Attorney in Gene Patent Ruling Examines Far-Reaching Implications
Monday, September 09, 2013
The lead American Civil Liberties Union (ACLU) lawyer who successfully fought to ensure that human genes could not be patented will discuss the recent Supreme Court ruling and the far-reaching implications for pathology, laboratory medicine, and patient care at ASCP 2013 Chicago, Sept. 18–21.
“There will be a lot of fighting about the breadth of the Supreme Court decision, but there is no longer any doubt that patenting a gene found in nature is not possible in the United States.”
—Chris Hansen, J.D.
Chris Hansen, J.D., the architect of the landmark gene patent lawsuit against Myriad Genetics’ right to patent the BRCA1 and BRCA2 genes, will discuss the court ruling on Wednesday, Sept. 18, from 2 p.m. to 2:50 p.m. at the Hyatt Regency Chicago.

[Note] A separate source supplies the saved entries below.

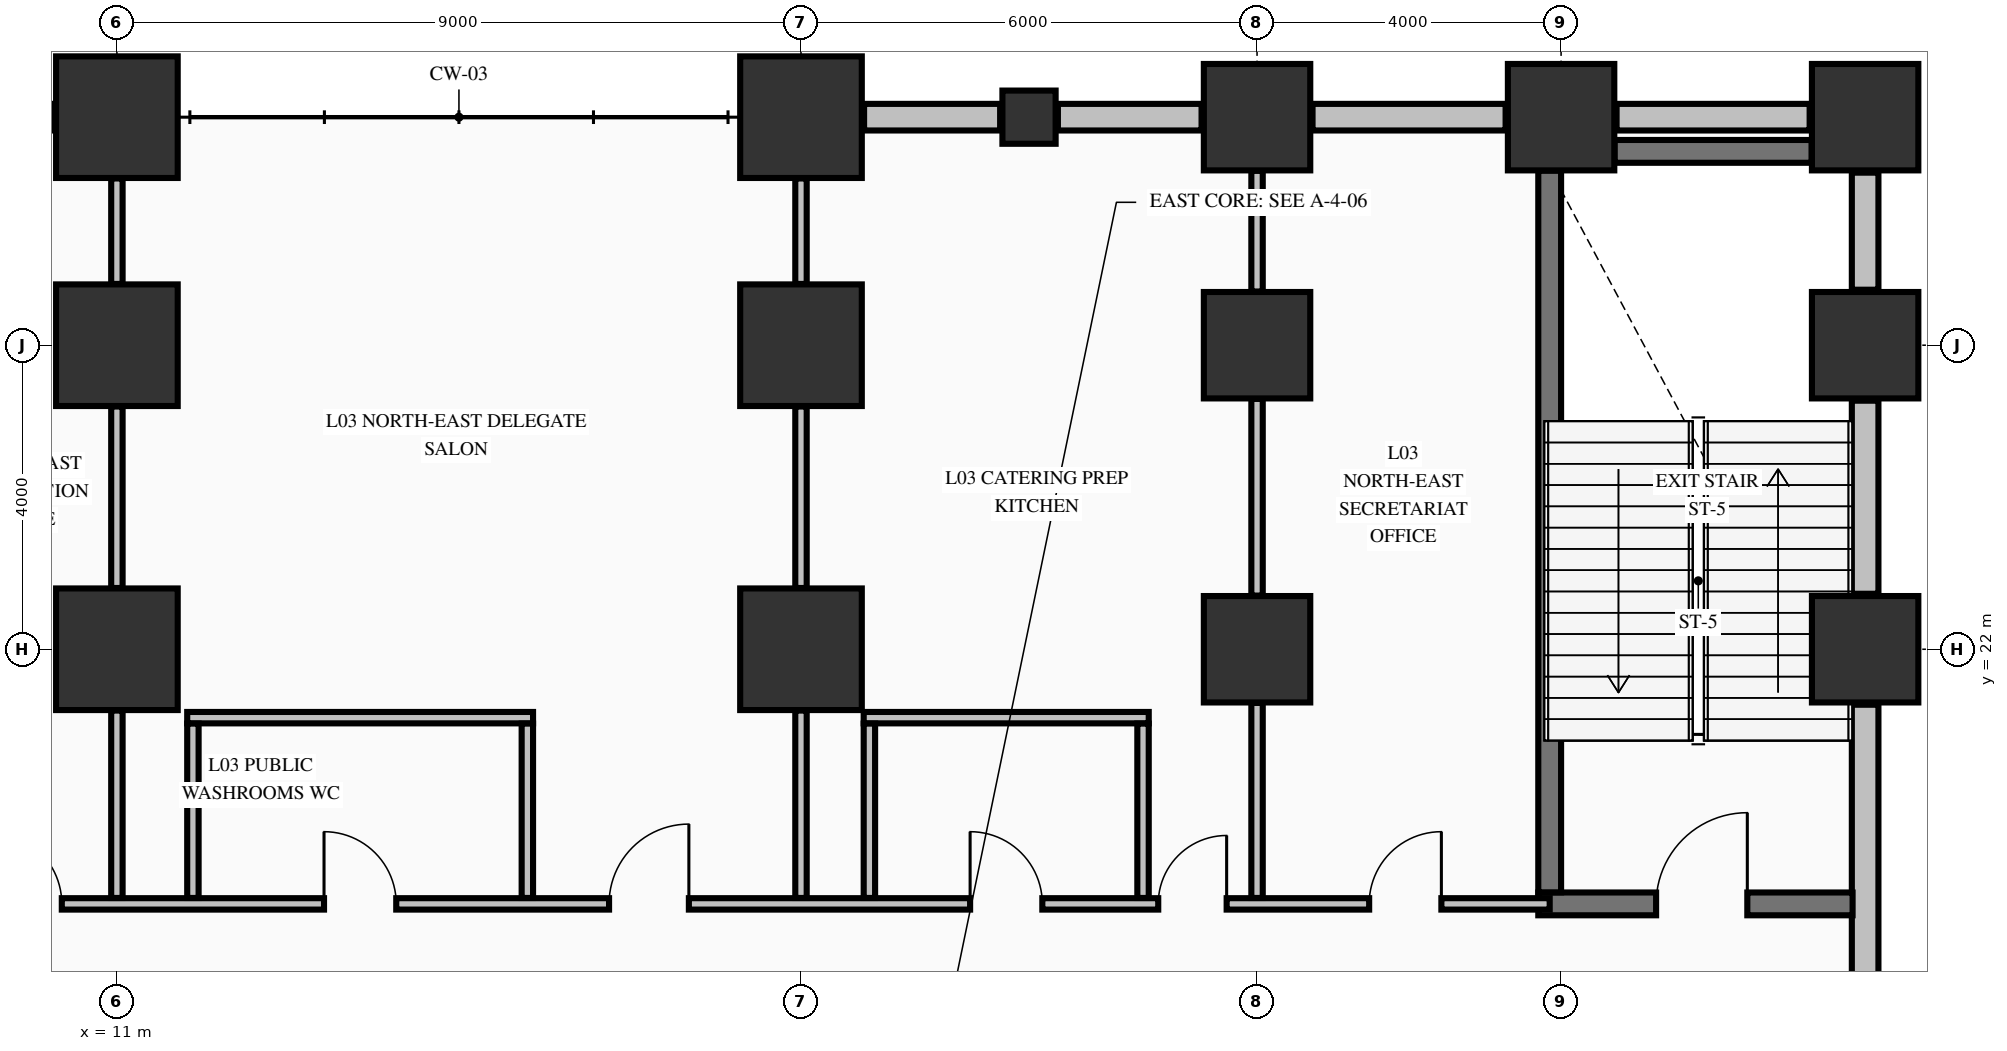
"""IFC4 building model, lengths in metres.
Left out: names, types, materials, properties, quantities, classifications, styles, units other than length and angle.
Written with IfcOpenShell. Run it as: python <this file> out.ifc"""

import sys

from ifc_helpers import new_model, si_unit, direction, frame, frame_2d, origin, origin_2d, place, context, subcontext, project, spatial, rectangle, extrude, element, fill, save


model = new_model("IFC4")
c1 = context("Model", 3, precision=1e-05, world=origin(), true_north=direction((0.0, 1.0)))
c2 = subcontext(c1, "Body", "Model", "MODEL_VIEW")
j1 = project(units=[si_unit("LENGTHUNIT", "METRE"), si_unit("PLANEANGLEUNIT", "RADIAN")], contexts=[c1])
p1 = place(None, origin())
s1 = spatial("IfcSite", under=j1, at=p1, CompositionType="ELEMENT")
p2 = place(p1, origin())
s2 = spatial("IfcBuilding", under=s1, at=p2, CompositionType="ELEMENT")
p3 = place(p2, frame((0.0, 0.0, 16.32)))
s3 = spatial("IfcBuildingStorey", under=s2, at=p3, CompositionType="ELEMENT", Elevation=16.32)
for number, where, z_axis, x_axis in (
    (1, (11.0, 22.0, 0.0), (0.0, 0.0, 1.0), (1.0, 0.0, 0.0)),
    (2, (11.0, 26.0, 0.0), (0.0, 0.0, 1.0), (1.0, 0.0, 0.0)),
    (3, (11.0, 29.0, 0.0), (0.0, 0.0, 1.0), (1.0, 0.0, 0.0)),
    (4, (20.0, 22.0, 0.0), (0.0, 0.0, 1.0), (1.0, 0.0, 0.0)),
    (5, (20.0, 26.0, 0.0), (0.0, 0.0, 1.0), (1.0, 0.0, 0.0)),
    (6, (20.0, 29.0, 0.0), (0.0, 0.0, 1.0), (1.0, 0.0, 0.0)),
):
    element("IfcColumn", number, at=place(p3, frame(where, z_axis=z_axis, x_axis=x_axis)), inside=s3, PredefinedType="COLUMN", context=c2, shape_type="SweptSolid", body=[
        extrude(rectangle(XDim=1.6, YDim=1.6, at=origin_2d()), origin(), (0.0, 0.0, 1.0), 4.99),
    ])
for number, where, z_axis, x_axis in (
    (7, (26.0, 22.0, 0.0), (0.0, 0.0, 1.0), (1.0, 0.0, 0.0)),
    (8, (26.0, 26.0, 0.0), (0.0, 0.0, 1.0), (1.0, 0.0, 0.0)),
    (9, (26.0, 29.0, 0.0), (0.0, 0.0, 1.0), (1.0, 0.0, 0.0)),
    (10, (30.0, 29.0, 0.0), (0.0, 0.0, 1.0), (1.0, 0.0, 0.0)),
    (11, (34.0, 22.0, 0.0), (0.0, 0.0, 1.0), (1.0, 0.0, 0.0)),
    (12, (34.0, 26.0, 0.0), (0.0, 0.0, 1.0), (1.0, 0.0, 0.0)),
    (13, (34.0, 29.0, 0.0), (0.0, 0.0, 1.0), (1.0, 0.0, 0.0)),
):
    element("IfcColumn", number, at=place(p3, frame(where, z_axis=z_axis, x_axis=x_axis)), inside=s3, PredefinedType="COLUMN", context=c2, shape_type="SweptSolid", body=[
        extrude(rectangle(XDim=1.4, YDim=1.4, at=origin_2d()), origin(), (0.0, 0.0, 1.0), 4.99),
    ])
p4 = place(p3, frame((23.0, 29.0, 0.0), z_axis=(0.0, 0.0, 1.0), x_axis=(1.0, 0.0, 0.0)))
e14 = element("IfcColumn", 14, at=p4, inside=s3, PredefinedType="PILASTER", context=c2, shape_type="SweptSolid", body=[
    extrude(rectangle(XDim=0.7, YDim=0.7, at=origin_2d()), origin(), (0.0, 0.0, 1.0), 4.99),
])
p5 = place(p3, frame((10.17, 29.0, 0.0), z_axis=(0.0, 0.0, 1.0), x_axis=(-1.0, 0.0, 0.0)))
e15 = element("IfcWall", 15, at=p5, inside=s3, PredefinedType="STANDARD", context=c2, shape_type="SweptSolid", body=[
    extrude(rectangle(XDim=0.94, YDim=0.35, at=frame_2d((0.47, 0.0))), origin(), (0.0, 0.0, 1.0), 3.332),
])
p6 = place(p3, frame((22.62, 29.0, 0.0), z_axis=(0.0, 0.0, 1.0), x_axis=(-1.0, 0.0, 0.0)))
e16 = element("IfcWall", 16, at=p6, inside=s3, PredefinedType="STANDARD", context=c2, shape_type="SweptSolid", body=[
    extrude(rectangle(XDim=1.79, YDim=0.35, at=frame_2d((0.895, 0.0))), origin(), (0.0, 0.0, 1.0), 3.332),
])
p7 = place(p3, frame((25.27, 29.0, 0.0), z_axis=(0.0, 0.0, 1.0), x_axis=(-1.0, 0.0, 0.0)))
e17 = element("IfcWall", 17, at=p7, inside=s3, PredefinedType="STANDARD", context=c2, shape_type="SweptSolid", body=[
    extrude(rectangle(XDim=1.89, YDim=0.35, at=frame_2d((0.945, 0.0))), origin(), (0.0, 0.0, 1.0), 3.332),
])
for number, where, z_axis, x_axis in (
    (18, (29.27, 29.0, 0.0), (0.0, 0.0, 1.0), (-1.0, 0.0, 0.0)),
    (19, (33.27, 29.0, 0.0), (0.0, 0.0, 1.0), (-1.0, 0.0, 0.0)),
):
    element("IfcWall", number, at=place(p3, frame(where, z_axis=z_axis, x_axis=x_axis)), inside=s3, PredefinedType="STANDARD", context=c2, shape_type="SweptSolid", body=[
        extrude(rectangle(XDim=2.54, YDim=0.35, at=frame_2d((1.27, 0.0))), origin(), (0.0, 0.0, 1.0), 3.332),
    ])
p8 = place(p3, frame((34.0, 21.27, 0.0), z_axis=(0.0, 0.0, 1.0), x_axis=(0.0, -1.0, 0.0)))
e20 = element("IfcWall", 20, at=p8, inside=s3, PredefinedType="STANDARD", context=c2, shape_type="SweptSolid", body=[
    extrude(rectangle(XDim=4.54, YDim=0.35, at=frame_2d((2.27, 0.0))), origin(), (0.0, 0.0, 1.0), 4.99),
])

Mr. Hansen, who represented ASCP and 19 other plaintiffs in the lawsuit, challenging Myriad Genetics’ right to patent human genes, will participate in a session moderated by Lee Hilborne, MD, MPH, DLM(ASCP)CM FASCP, a former ASCP President. Myla Lai-Goldman, MD, FASCP, Chief Executive Officer and President of GeneCentric Diagnostics in Durham, N.C., will also serve on the panel.
“There will be a lot of fighting about the breadth of the Supreme Court decision, but there is no longer any doubt that patenting a gene found in nature is not possible in the United States,” says Mr. Hansen, who initially urged the ACLU to take up the case and developed the strategy for the arguments in the lawsuit.
On June 13, the U.S. Supreme Court ruled that patents on two genes associated with hereditary breast and ovarian cancer were invalid. The Court’s unanimous decision found that naturally occurring DNA is a product of nature and not patent eligible merely because it has been isolated. The Court also ruled that cDNA, which is synthetically-made DNA, is patent eligible because it is not naturally occurring. Some cDNA patents may not be patent eligible where the cDNA is indistinguishable from natural DNA. The Court expresses no opinion on whether cDNA is otherwise patentable.
Determining which genes are “natural” and whether cDNA is patentable likely will continue to be fought in the courts, according to Mr. Hansen.
At ASCP 2013 Chicago, Mr. Hansen will tell the dramatic history of the court battle: years of arguing the case at the district court level, reaching out to professional medical organizations such as ASCP, gathering a coalition of plaintiffs, and the ultimate challenge of bringing the case before the Supreme Court.
At its core, the ongoing case questioned Myriad Genetics’ right to patent BRCA1 and BRCA2, two genes that correlate to significantly increased rates of breast and ovarian cancer. The patents did for a time allow Myriad to be the exclusive U.S. commercial provider of screening assays for these genes and permit the company to determine the terms and price for testing, making it impossible for women to access alternative tests or obtain a second opinion about their results. The patents also gave Myriad the authority to prohibit researchers from investigating these genes without first gaining permission.
“We expect that the precedent will open the doors for professionals who want to work with genes that up to this point have been patented,” said Dr. Lai-Goldman. “The ruling allows scientists and others trying to market newer tests to provide individuals with knowledge about their personal risk for a variety of illnesses.”